Across
- 1. A model performs well on training data but poorly on new data.
- 3. A technique to normalize the inputs of a layer.
- 8. A type of neural network architecture with nested layers.
- 11. A basic building block of a neural network.
- 12. A technique to ignore certain timesteps in a sequence.
- 17. One complete pass through the entire training dataset.
- 19. A type of neural network architecture with residual connections.
- 22. A key operation in Convolutional Neural Networks (CNNs).
- 24. A pooling operation that selects the maximum value in each region.
- 25. A technique to stop training when the validation loss stops improving.
- 26. A type of learning where the model learns from unlabeled data.

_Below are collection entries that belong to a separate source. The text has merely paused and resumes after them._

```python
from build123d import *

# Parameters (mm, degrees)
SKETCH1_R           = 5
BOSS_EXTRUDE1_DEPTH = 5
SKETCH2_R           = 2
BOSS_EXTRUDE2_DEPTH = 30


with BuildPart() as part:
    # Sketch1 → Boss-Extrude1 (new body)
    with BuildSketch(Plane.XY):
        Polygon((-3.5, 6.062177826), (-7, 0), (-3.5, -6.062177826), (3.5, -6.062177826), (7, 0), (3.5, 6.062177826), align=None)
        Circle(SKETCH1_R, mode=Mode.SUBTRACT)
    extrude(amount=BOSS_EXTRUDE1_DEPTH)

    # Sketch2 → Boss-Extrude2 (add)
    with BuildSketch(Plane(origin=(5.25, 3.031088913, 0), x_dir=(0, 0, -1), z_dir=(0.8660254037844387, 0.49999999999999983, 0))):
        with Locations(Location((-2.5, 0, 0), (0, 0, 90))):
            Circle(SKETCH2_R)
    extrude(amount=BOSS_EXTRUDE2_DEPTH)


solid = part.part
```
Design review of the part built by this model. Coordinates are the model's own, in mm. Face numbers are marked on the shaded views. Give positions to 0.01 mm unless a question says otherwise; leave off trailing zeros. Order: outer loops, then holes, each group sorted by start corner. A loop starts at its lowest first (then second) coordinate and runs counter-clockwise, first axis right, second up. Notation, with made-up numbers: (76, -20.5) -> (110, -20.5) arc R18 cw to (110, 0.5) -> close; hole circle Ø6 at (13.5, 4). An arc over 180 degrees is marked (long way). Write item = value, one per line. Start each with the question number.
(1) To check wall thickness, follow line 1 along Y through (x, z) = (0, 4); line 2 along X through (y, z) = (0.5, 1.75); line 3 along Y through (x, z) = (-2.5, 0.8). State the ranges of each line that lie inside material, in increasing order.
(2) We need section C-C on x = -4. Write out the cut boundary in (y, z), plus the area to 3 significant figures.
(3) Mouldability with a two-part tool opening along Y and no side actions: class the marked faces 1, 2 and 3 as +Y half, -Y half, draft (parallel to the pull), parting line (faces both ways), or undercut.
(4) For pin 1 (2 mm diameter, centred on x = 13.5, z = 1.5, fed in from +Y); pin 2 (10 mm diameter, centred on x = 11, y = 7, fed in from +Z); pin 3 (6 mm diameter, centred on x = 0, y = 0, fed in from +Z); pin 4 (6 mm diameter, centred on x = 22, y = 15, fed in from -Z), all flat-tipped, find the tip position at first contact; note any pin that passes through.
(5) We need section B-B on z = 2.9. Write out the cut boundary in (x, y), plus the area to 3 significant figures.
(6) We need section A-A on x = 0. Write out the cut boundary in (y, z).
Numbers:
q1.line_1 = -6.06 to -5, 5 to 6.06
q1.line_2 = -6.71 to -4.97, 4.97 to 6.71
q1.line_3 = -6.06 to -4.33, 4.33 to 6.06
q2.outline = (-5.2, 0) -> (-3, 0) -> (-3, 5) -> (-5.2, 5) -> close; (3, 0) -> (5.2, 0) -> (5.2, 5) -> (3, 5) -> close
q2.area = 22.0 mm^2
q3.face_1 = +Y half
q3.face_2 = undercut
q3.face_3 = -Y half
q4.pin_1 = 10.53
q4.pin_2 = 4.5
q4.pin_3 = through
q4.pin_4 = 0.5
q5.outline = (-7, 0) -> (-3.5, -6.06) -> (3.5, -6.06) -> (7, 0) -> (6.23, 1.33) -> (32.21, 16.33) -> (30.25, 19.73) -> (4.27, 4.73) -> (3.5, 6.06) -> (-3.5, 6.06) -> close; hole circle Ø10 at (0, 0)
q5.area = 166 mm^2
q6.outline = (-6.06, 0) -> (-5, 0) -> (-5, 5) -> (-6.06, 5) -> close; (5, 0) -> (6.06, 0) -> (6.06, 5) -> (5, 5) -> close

- 27. A type of neural network architecture with parallel branches.
- 29. A layer where all nodes are connected to all nodes in the previous layer.
- 31. A CNN Layer where dimensions of the input are reduced.

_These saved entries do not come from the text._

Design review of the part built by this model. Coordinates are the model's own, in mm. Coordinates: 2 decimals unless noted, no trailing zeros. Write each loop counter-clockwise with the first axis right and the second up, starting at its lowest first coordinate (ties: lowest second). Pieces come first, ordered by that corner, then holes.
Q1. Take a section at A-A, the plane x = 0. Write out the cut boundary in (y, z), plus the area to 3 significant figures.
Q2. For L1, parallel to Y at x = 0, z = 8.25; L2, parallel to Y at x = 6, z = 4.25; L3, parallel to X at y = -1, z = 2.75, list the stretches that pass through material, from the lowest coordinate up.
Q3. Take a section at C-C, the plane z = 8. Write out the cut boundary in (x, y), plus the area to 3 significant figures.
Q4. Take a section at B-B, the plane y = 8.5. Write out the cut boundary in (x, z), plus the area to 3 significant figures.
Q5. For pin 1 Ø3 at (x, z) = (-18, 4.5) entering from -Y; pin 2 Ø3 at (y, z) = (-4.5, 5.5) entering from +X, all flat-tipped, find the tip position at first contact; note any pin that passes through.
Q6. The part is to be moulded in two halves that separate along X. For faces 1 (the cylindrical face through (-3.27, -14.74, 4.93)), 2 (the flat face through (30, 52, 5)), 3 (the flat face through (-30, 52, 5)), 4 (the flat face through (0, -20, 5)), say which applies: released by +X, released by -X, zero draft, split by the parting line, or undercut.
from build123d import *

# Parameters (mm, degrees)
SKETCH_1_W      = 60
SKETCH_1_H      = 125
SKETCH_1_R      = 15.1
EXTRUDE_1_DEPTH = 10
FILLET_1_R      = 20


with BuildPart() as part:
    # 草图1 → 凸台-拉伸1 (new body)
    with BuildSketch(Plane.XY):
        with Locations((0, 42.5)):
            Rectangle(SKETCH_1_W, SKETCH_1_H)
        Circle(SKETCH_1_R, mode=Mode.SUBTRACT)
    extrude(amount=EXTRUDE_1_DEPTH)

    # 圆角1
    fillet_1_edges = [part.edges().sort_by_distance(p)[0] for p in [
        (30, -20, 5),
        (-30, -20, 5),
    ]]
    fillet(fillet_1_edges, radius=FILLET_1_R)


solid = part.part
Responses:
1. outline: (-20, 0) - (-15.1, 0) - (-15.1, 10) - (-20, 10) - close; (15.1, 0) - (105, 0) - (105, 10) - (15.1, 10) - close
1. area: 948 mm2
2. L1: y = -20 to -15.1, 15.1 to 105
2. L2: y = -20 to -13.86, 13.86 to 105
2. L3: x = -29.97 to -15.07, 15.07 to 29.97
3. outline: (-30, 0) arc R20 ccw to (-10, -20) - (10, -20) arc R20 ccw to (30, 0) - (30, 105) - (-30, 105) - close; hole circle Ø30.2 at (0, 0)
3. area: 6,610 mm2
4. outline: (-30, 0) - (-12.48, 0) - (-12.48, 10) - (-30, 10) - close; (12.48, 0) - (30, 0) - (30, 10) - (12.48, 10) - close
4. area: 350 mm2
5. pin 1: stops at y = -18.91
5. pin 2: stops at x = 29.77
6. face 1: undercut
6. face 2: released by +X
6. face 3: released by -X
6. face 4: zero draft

- 35. A type of neural network architecture with self-attention.
- 37. The simplest form of a neural network, single-layer binary classifier.
- 39. A technique to normalize the inputs of a layer.
- 41. Adapts a pre-trained model for a new task.
- 44. Determines the output of a node in a neural network.
- 45. A popular activation function introducing non-linearity.
- 46. A layer to learn a low-dimensional representation of categorical data.
- 47. A type of operation that preserves the spatial dimensions of the input.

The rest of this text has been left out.